La Belgique se refuse-t-elle à faire les sacrifices que sa représentation national a décrétés pour soutenir l’honneur national ? Non : partout les fonds demandés sont versés dans les caisses du trésor avec le même enthousiasme avec lequel ils ont été votés. Mais nos enfants se refusent-ils peut-être à prendre les armes pour la sainte cause que nous avons tous juré de défendre jusqu’à la dernière extrémité, en prenant place dans cette enceinte ? Non, encore non. Tous ont répondu, avec un élan admirable, à l’appel de l’honneur ; tous brûlent du désir patriotique le plus généreux, pour conserver intacts l’indépendance et l’honneur national.

Mais enfin, d’où peut donc venir ce changement aussi subit qu’inexplicable dans les idées ? Pour l’honneur du peuple belge, je sens le besoin de le proclamer hautement à cette tribune.

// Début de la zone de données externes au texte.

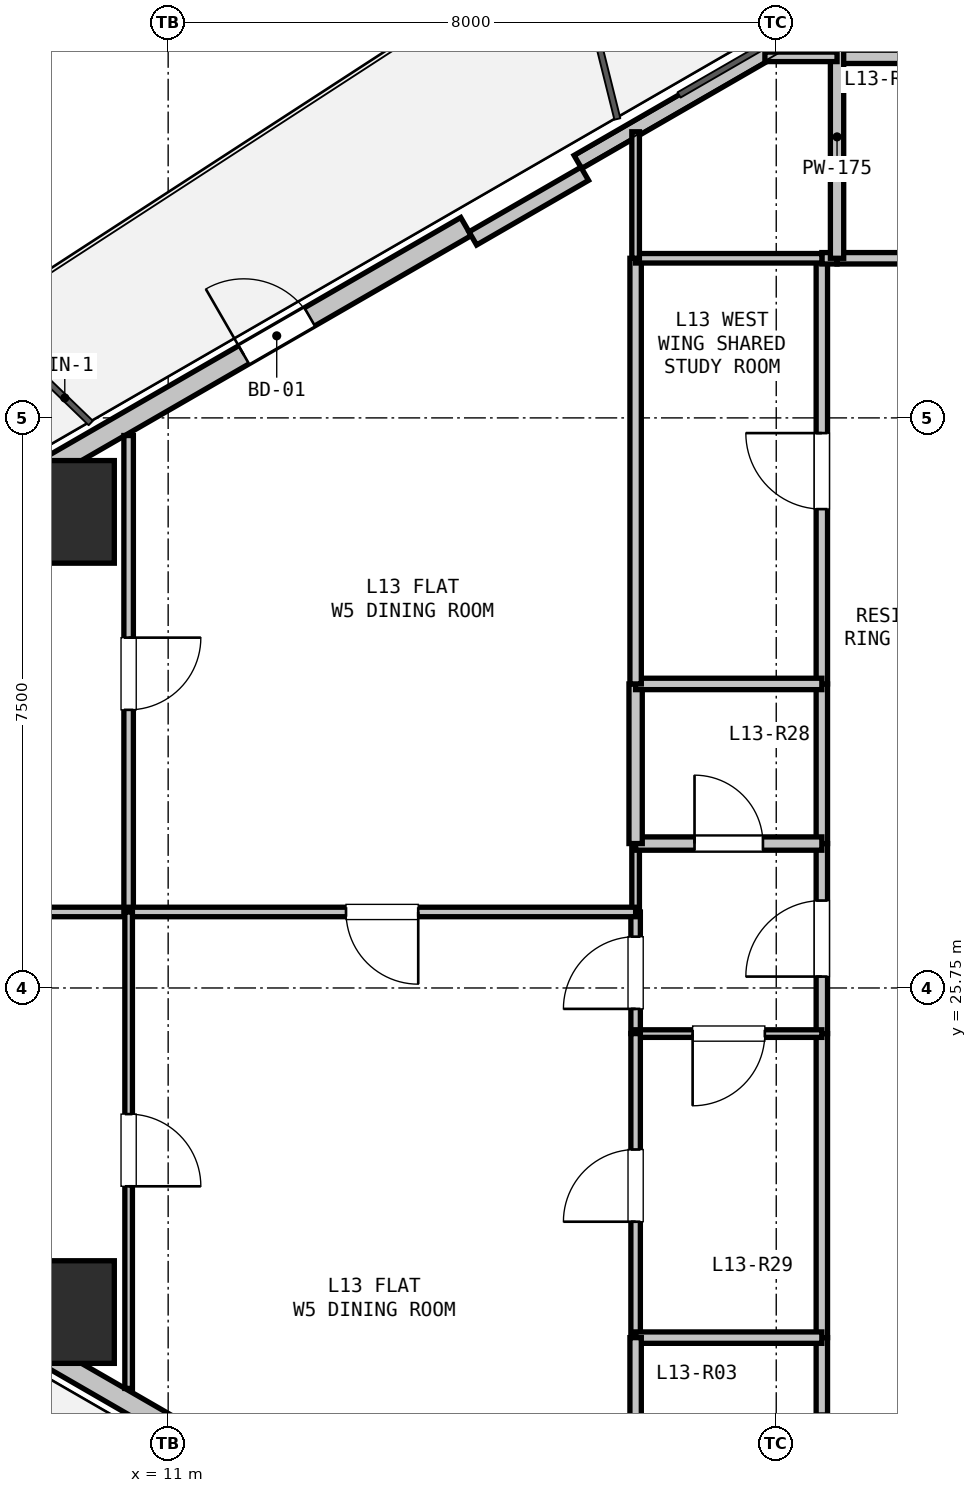
"""IFC4 building model, lengths in metres.
Left out: names, types, materials, properties, quantities, classifications, styles, units other than length and angle.
Written with IfcOpenShell. Run it as: python <this file> out.ifc"""

import sys

from ifc_helpers import new_model, si_unit, direction, frame, frame_2d, origin, origin_2d, place, context, subcontext, project, spatial, rectangle, hollow_rectangle, extrude, element, fill, save


model = new_model("IFC4")
c1 = context("Model", 3, precision=1e-05, world=origin(), true_north=direction((0.0, 1.0)))
c2 = subcontext(c1, "Body", "Model", "MODEL_VIEW")
j1 = project(units=[si_unit("LENGTHUNIT", "METRE"), si_unit("PLANEANGLEUNIT", "RADIAN")], contexts=[c1])
p1 = place(None, origin())
s1 = spatial("IfcSite", under=j1, at=p1, CompositionType="ELEMENT")
p2 = place(p1, origin())
s2 = spatial("IfcBuilding", under=s1, at=p2, CompositionType="ELEMENT")
p3 = place(p2, frame((0.0, 0.0, 48.9)))
s3 = spatial("IfcBuildingStorey", under=s2, at=p3, CompositionType="ELEMENT", Elevation=48.9)
for number, where, z_axis, x_axis in (
    (1, (9.617, 32.014, 0.0), (0.0, 0.0, 1.0), (1.0, 0.0, 0.0)),
    (2, (9.617, 21.486, 0.0), (0.0, 0.0, 1.0), (1.0, 0.0, 0.0)),
):
    element("IfcColumn", number, at=place(p3, frame(where, z_axis=z_axis, x_axis=x_axis)), inside=s3, PredefinedType="COLUMN", context=c2, shape_type="SweptSolid", body=[
        extrude(hollow_rectangle(XDim=1.35, YDim=1.35, WallThickness=0.036, at=origin_2d()), origin(), (0.0, 0.0, 1.0), 3.3),
    ])
p4 = place(p3, frame((3.943, 29.431, 0.0), z_axis=(0.0, 0.0, 1.0), x_axis=(0.866027105532, 0.499997052475, 0.0)))
e3 = element("IfcWall", 3, at=p4, inside=s3, PredefinedType="SOLIDWALL", context=c2, shape_type="SweptSolid", body=[
    extrude(rectangle(XDim=12.673, YDim=0.275, at=frame_2d((6.336, 0.0))), origin(), (0.0, 0.0, 1.0), 2.66),
])
p5 = place(p4, frame((9.298, 0.0, 0.0)))
e4 = element("IfcOpeningElement", 4, at=p5, cuts=e3, PredefinedType="OPENING", context=c2, shape_type="SweptSolid", body=[
    extrude(rectangle(XDim=1.0, YDim=2.1, at=frame_2d((0.5, 1.05))), frame((0.0, 0.147, 0.0), z_axis=(0.0, -1.0, 0.0), x_axis=(1.0, 0.0, 0.0)), (0.0, 0.0, 1.0), 0.295),
])
p6 = place(p3, frame((16.39, 36.617, 0.0), z_axis=(0.0, 0.0, 1.0), x_axis=(0.866027351828, 0.499996625875, 0.0)))
e5 = element("IfcWall", 5, at=p6, inside=s3, PredefinedType="PARAPET", context=c2, shape_type="SweptSolid", body=[
    extrude(rectangle(XDim=11.973, YDim=0.2, at=frame_2d((5.987, 0.0))), origin(), (0.0, 0.0, 1.0), 0.2),
])
p7 = place(p3, frame((15.008, 35.611, 0.0), z_axis=(0.0, 0.0, 1.0), x_axis=(0.86605165483, 0.499954529098, 0.0)))
e6 = element("IfcWall", 6, at=p7, inside=s3, PredefinedType="PARAPET", context=c2, shape_type="SweptSolid", body=[
    extrude(rectangle(XDim=1.7, YDim=0.2, at=frame_2d((0.85, 0.0))), origin(), (0.0, 0.0, 1.0), 2.66),
])
p8 = place(p3, frame((14.918, 17.733, 0.0), z_axis=(0.0, 0.0, 1.0), x_axis=(-0.866027105532, 0.499997052475, 0.0)))
e7 = element("IfcWall", 7, at=p8, inside=s3, PredefinedType="SOLIDWALL", context=c2, shape_type="SweptSolid", body=[
    extrude(rectangle(XDim=12.673, YDim=0.275, at=frame_2d((6.336, 0.0))), origin(), (0.0, 0.0, 1.0), 2.66),
])
p9 = place(p8, frame((8.402, 0.0, 0.9)))
e8 = element("IfcOpeningElement", 8, at=p9, cuts=e7, PredefinedType="OPENING", context=c2, shape_type="SweptSolid", body=[
    extrude(rectangle(XDim=1.2, YDim=1.4, at=frame_2d((0.6, 0.7))), frame((0.0, 0.147, 0.0), z_axis=(0.0, -1.0, 0.0), x_axis=(1.0, 0.0, 0.0)), (0.0, 0.0, 1.0), 0.295),
])
p10 = place(p3, frame((19.6, 18.15, 0.0), z_axis=(0.0, 0.0, 1.0), x_axis=(0.0, 1.0, 0.0)))
e9 = element("IfcWall", 9, at=p10, inside=s3, PredefinedType="PARTITIONING", context=c2, shape_type="SweptSolid", body=[
    extrude(rectangle(XDim=3.0, YDim=0.15, at=frame_2d((1.5, 0.0))), origin(), (0.0, 0.0, 1.0), 2.338),
])
p11 = place(p10, frame((1.0, 0.0, 0.0)))
e10 = element("IfcOpeningElement", 10, at=p11, cuts=e9, PredefinedType="OPENING", context=c2, shape_type="SweptSolid", body=[
    extrude(rectangle(XDim=1.0, YDim=2.15, at=frame_2d((0.5, 1.075))), frame((0.0, 0.085, 0.0), z_axis=(0.0, -1.0, 0.0), x_axis=(1.0, 0.0, 0.0)), (0.0, 0.0, 1.0), 0.17),
])
p12 = place(p3, frame((19.6, 21.15, 0.0), z_axis=(0.0, 0.0, 1.0), x_axis=(0.0, 1.0, 0.0)))
e11 = element("IfcWall", 11, at=p12, inside=s3, PredefinedType="PARTITIONING", context=c2, shape_type="SweptSolid", body=[
    extrude(rectangle(XDim=4.0, YDim=0.15, at=frame_2d((2.0, 0.0))), origin(), (0.0, 0.0, 1.0), 3.04),
])
p13 = place(p3, frame((19.6, 25.15, 0.0), z_axis=(0.0, 0.0, 1.0), x_axis=(0.0, 1.0, 0.0)))
e12 = element("IfcWall", 12, at=p13, inside=s3, PredefinedType="PARTITIONING", context=c2, shape_type="SweptSolid", body=[
    extrude(rectangle(XDim=2.5, YDim=0.15, at=frame_2d((1.25, 0.0))), origin(), (0.0, 0.0, 1.0), 3.04),
])
p14 = place(p13, frame((0.75, 0.0, 0.0)))
e13 = element("IfcOpeningElement", 13, at=p14, cuts=e12, PredefinedType="OPENING", context=c2, shape_type="SweptSolid", body=[
    extrude(rectangle(XDim=1.0, YDim=2.15, at=frame_2d((0.5, 1.075))), frame((0.0, 0.085, 0.0), z_axis=(0.0, -1.0, 0.0), x_axis=(1.0, 0.0, 0.0)), (0.0, 0.0, 1.0), 0.17),
])
p15 = place(p3, frame((19.6, 27.65, 0.0), z_axis=(0.0, 0.0, 1.0), x_axis=(0.0, 1.0, 0.0)))
e14 = element("IfcWall", 14, at=p15, inside=s3, PredefinedType="PARTITIONING", context=c2, shape_type="SweptSolid", body=[
    extrude(rectangle(XDim=2.1, YDim=0.15, at=frame_2d((1.05, 0.0))), origin(), (0.0, 0.0, 1.0), 3.04),
])
p16 = place(p3, frame((19.6, 29.75, 0.0), z_axis=(0.0, 0.0, 1.0), x_axis=(0.0, 1.0, 0.0)))
e15 = element("IfcWall", 15, at=p16, inside=s3, PredefinedType="PARTITIONING", context=c2, shape_type="SweptSolid", body=[
    extrude(rectangle(XDim=5.6, YDim=0.15, at=frame_2d((2.8, 0.0))), origin(), (0.0, 0.0, 1.0), 2.338),
])
p17 = place(p16, frame((2.3, 0.0, 0.0)))
e16 = element("IfcOpeningElement", 16, at=p17, cuts=e15, PredefinedType="OPENING", context=c2, shape_type="SweptSolid", body=[
    extrude(rectangle(XDim=1.0, YDim=2.15, at=frame_2d((0.5, 1.075))), frame((0.0, 0.085, 0.0), z_axis=(0.0, -1.0, 0.0), x_axis=(1.0, 0.0, 0.0)), (0.0, 0.0, 1.0), 0.17),
])
p18 = place(p3, frame((19.6, 35.35, 0.0), z_axis=(0.0, 0.0, 1.0), x_axis=(1.0, 0.0, 0.0)))
e17 = element("IfcWall", 17, at=p18, inside=s3, PredefinedType="PARTITIONING", context=c2, shape_type="SweptSolid", body=[
    extrude(rectangle(XDim=0.2, YDim=0.15, at=frame_2d((0.1, 0.0))), origin(), (0.0, 0.0, 1.0), 3.04),
])
p19 = place(p3, frame((19.8, 35.35, 0.0), z_axis=(0.0, 0.0, 1.0), x_axis=(1.0, 0.0, 0.0)))
e18 = element("IfcWall", 18, at=p19, inside=s3, PredefinedType="PARTITIONING", context=c2, shape_type="SweptSolid", body=[
    extrude(rectangle(XDim=2.0, YDim=0.15, at=frame_2d((1.0, 0.0))), origin(), (0.0, 0.0, 1.0), 3.04),
])
p20 = place(p3, frame((17.15, 25.15, 0.0), z_axis=(0.0, 0.0, 1.0), x_axis=(0.0, 1.0, 0.0)))
e19 = element("IfcWall", 19, at=p20, inside=s3, PredefinedType="PARTITIONING", context=c2, shape_type="SweptSolid", body=[
    extrude(rectangle(XDim=1.6, YDim=0.125, at=frame_2d((0.8, 0.0))), origin(), (0.0, 0.0, 1.0), 3.04),
])
p21 = place(p20, frame((0.325, 0.0, 0.0)))
e20 = element("IfcOpeningElement", 20, at=p21, cuts=e19, PredefinedType="OPENING", context=c2, shape_type="SweptSolid", body=[
    extrude(rectangle(XDim=0.95, YDim=2.1, at=frame_2d((0.475, 1.05))), frame((0.0, 0.073, 0.0), z_axis=(0.0, -1.0, 0.0), x_axis=(1.0, 0.0, 0.0)), (0.0, 0.0, 1.0), 0.145),
])
p22 = place(p3, frame((17.15, 26.75, 0.0), z_axis=(0.0, 0.0, 1.0), x_axis=(0.0, 1.0, 0.0)))
e21 = element("IfcWall", 21, at=p22, inside=s3, PredefinedType="PARTITIONING", context=c2, shape_type="SweptSolid", body=[
    extrude(rectangle(XDim=0.9, YDim=0.1, at=frame_2d((0.45, 0.0))), origin(), (0.0, 0.0, 1.0), 3.04),
])
p23 = place(p3, frame((17.15, 27.65, 0.0), z_axis=(0.0, 0.0, 1.0), x_axis=(1.0, 0.0, 0.0)))
e22 = element("IfcWall", 22, at=p23, inside=s3, PredefinedType="PLUMBINGWALL", context=c2, shape_type="SweptSolid", body=[
    extrude(rectangle(XDim=2.45, YDim=0.175, at=frame_2d((1.225, 0.0))), origin(), (0.0, 0.0, 1.0), 3.04),
])
p24 = place(p23, frame((0.775, 0.0, 0.0)))
e23 = element("IfcOpeningElement", 23, at=p24, cuts=e22, PredefinedType="OPENING", context=c2, shape_type="SweptSolid", body=[
    extrude(rectangle(XDim=0.9, YDim=2.1, at=frame_2d((0.45, 1.05))), frame((0.0, 0.097, 0.0), z_axis=(0.0, -1.0, 0.0), x_axis=(1.0, 0.0, 0.0)), (0.0, 0.0, 1.0), 0.195),
])
p25 = place(p3, frame((19.6, 25.15, 0.0), z_axis=(0.0, 0.0, 1.0), x_axis=(-1.0, 0.0, 0.0)))
e24 = element("IfcWall", 24, at=p25, inside=s3, PredefinedType="PARTITIONING", context=c2, shape_type="SweptSolid", body=[
    extrude(rectangle(XDim=2.45, YDim=0.1, at=frame_2d((1.225, 0.0))), origin(), (0.0, 0.0, 1.0), 3.04),
])
p26 = place(p25, frame((0.75, 0.0, 0.0)))
e25 = element("IfcOpeningElement", 25, at=p26, cuts=e24, PredefinedType="OPENING", context=c2, shape_type="SweptSolid", body=[
    extrude(rectangle(XDim=0.95, YDim=2.1, at=frame_2d((0.475, 1.05))), frame((0.0, 0.06, 0.0), z_axis=(0.0, -1.0, 0.0), x_axis=(1.0, 0.0, 0.0)), (0.0, 0.0, 1.0), 0.12),
])
p27 = place(p3, frame((19.8, 38.0, 0.0), z_axis=(0.0, 0.0, 1.0), x_axis=(1.0, 0.0, 0.0)))
e26 = element("IfcWall", 26, at=p27, inside=s3, PredefinedType="PLUMBINGWALL", context=c2, shape_type="SweptSolid", body=[
    extrude(rectangle(XDim=2.0, YDim=0.175, at=frame_2d((1.0, 0.0))), origin(), (0.0, 0.0, 1.0), 2.365),
])
p28 = place(p3, frame((19.8, 35.35, 0.0), z_axis=(0.0, 0.0, 1.0), x_axis=(0.0, 1.0, 0.0)))
e27 = element("IfcWall", 27, at=p28, inside=s3, PredefinedType="PLUMBINGWALL", context=c2, shape_type="SweptSolid", body=[
    extrude(rectangle(XDim=3.194, YDim=0.175, at=frame_2d((1.597, 0.0))), origin(), (0.0, 0.0, 1.0), 2.365),
])
p29 = place(p3, frame((17.15, 27.65, 0.0), z_axis=(0.0, 0.0, 1.0), x_axis=(0.0, 1.0, 0.0)))
e28 = element("IfcWall", 28, at=p29, inside=s3, PredefinedType="PLUMBINGWALL", context=c2, shape_type="SweptSolid", body=[
    extrude(rectangle(XDim=2.1, YDim=0.175, at=frame_2d((1.05, 0.0))), origin(), (0.0, 0.0, 1.0), 3.04),
])
p30 = place(p3, frame((17.15, 29.75, 0.0), z_axis=(0.0, 0.0, 1.0), x_axis=(1.0, 0.0, 0.0)))
e29 = element("IfcWall", 29, at=p30, inside=s3, PredefinedType="PARTITIONING", context=c2, shape_type="SweptSolid", body=[
    extrude(rectangle(XDim=2.45, YDim=0.15, at=frame_2d((1.225, 0.0))), origin(), (0.0, 0.0, 1.0), 3.04),
])
p31 = place(p3, frame((17.15, 21.15, 0.0), z_axis=(0.0, 0.0, 1.0), x_axis=(0.0, 1.0, 0.0)))
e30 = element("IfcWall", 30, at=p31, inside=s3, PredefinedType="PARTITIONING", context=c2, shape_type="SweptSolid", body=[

Non, le feu patriotique n’est point éteint ; partout vous rencontrez encore le même élan généreux, la même volonté ferme et inébranlable de ne sacrifier aucun de nos droits. La grande majorité de la nation est toujours animée des mêmes sentiments, elle est prête à versé la dernière goutte de son sang pour la défense de l’intégrité du territoire tel que nous avons tous juré de le maintenir intact.

Mais un mauvais génie plane sur la Belgique. L’esprit d’un vif agiotage s’est emparé de toutes les classes de la société, et c’est cet agiotage infâme qui, après avoir exploité la crédulité, la bonne foi des malheureux qu’il avait attirés dans ses filets perfides, après avoir anéanti le crédit public, après avoir placé le commerce et l’industrie sur le bord de l’abîme, c’est, dis-je, cet agiotage qui achève maintenant l’œuvre liberticide de la sainte-alliance en entraînant le pays dans sa perte.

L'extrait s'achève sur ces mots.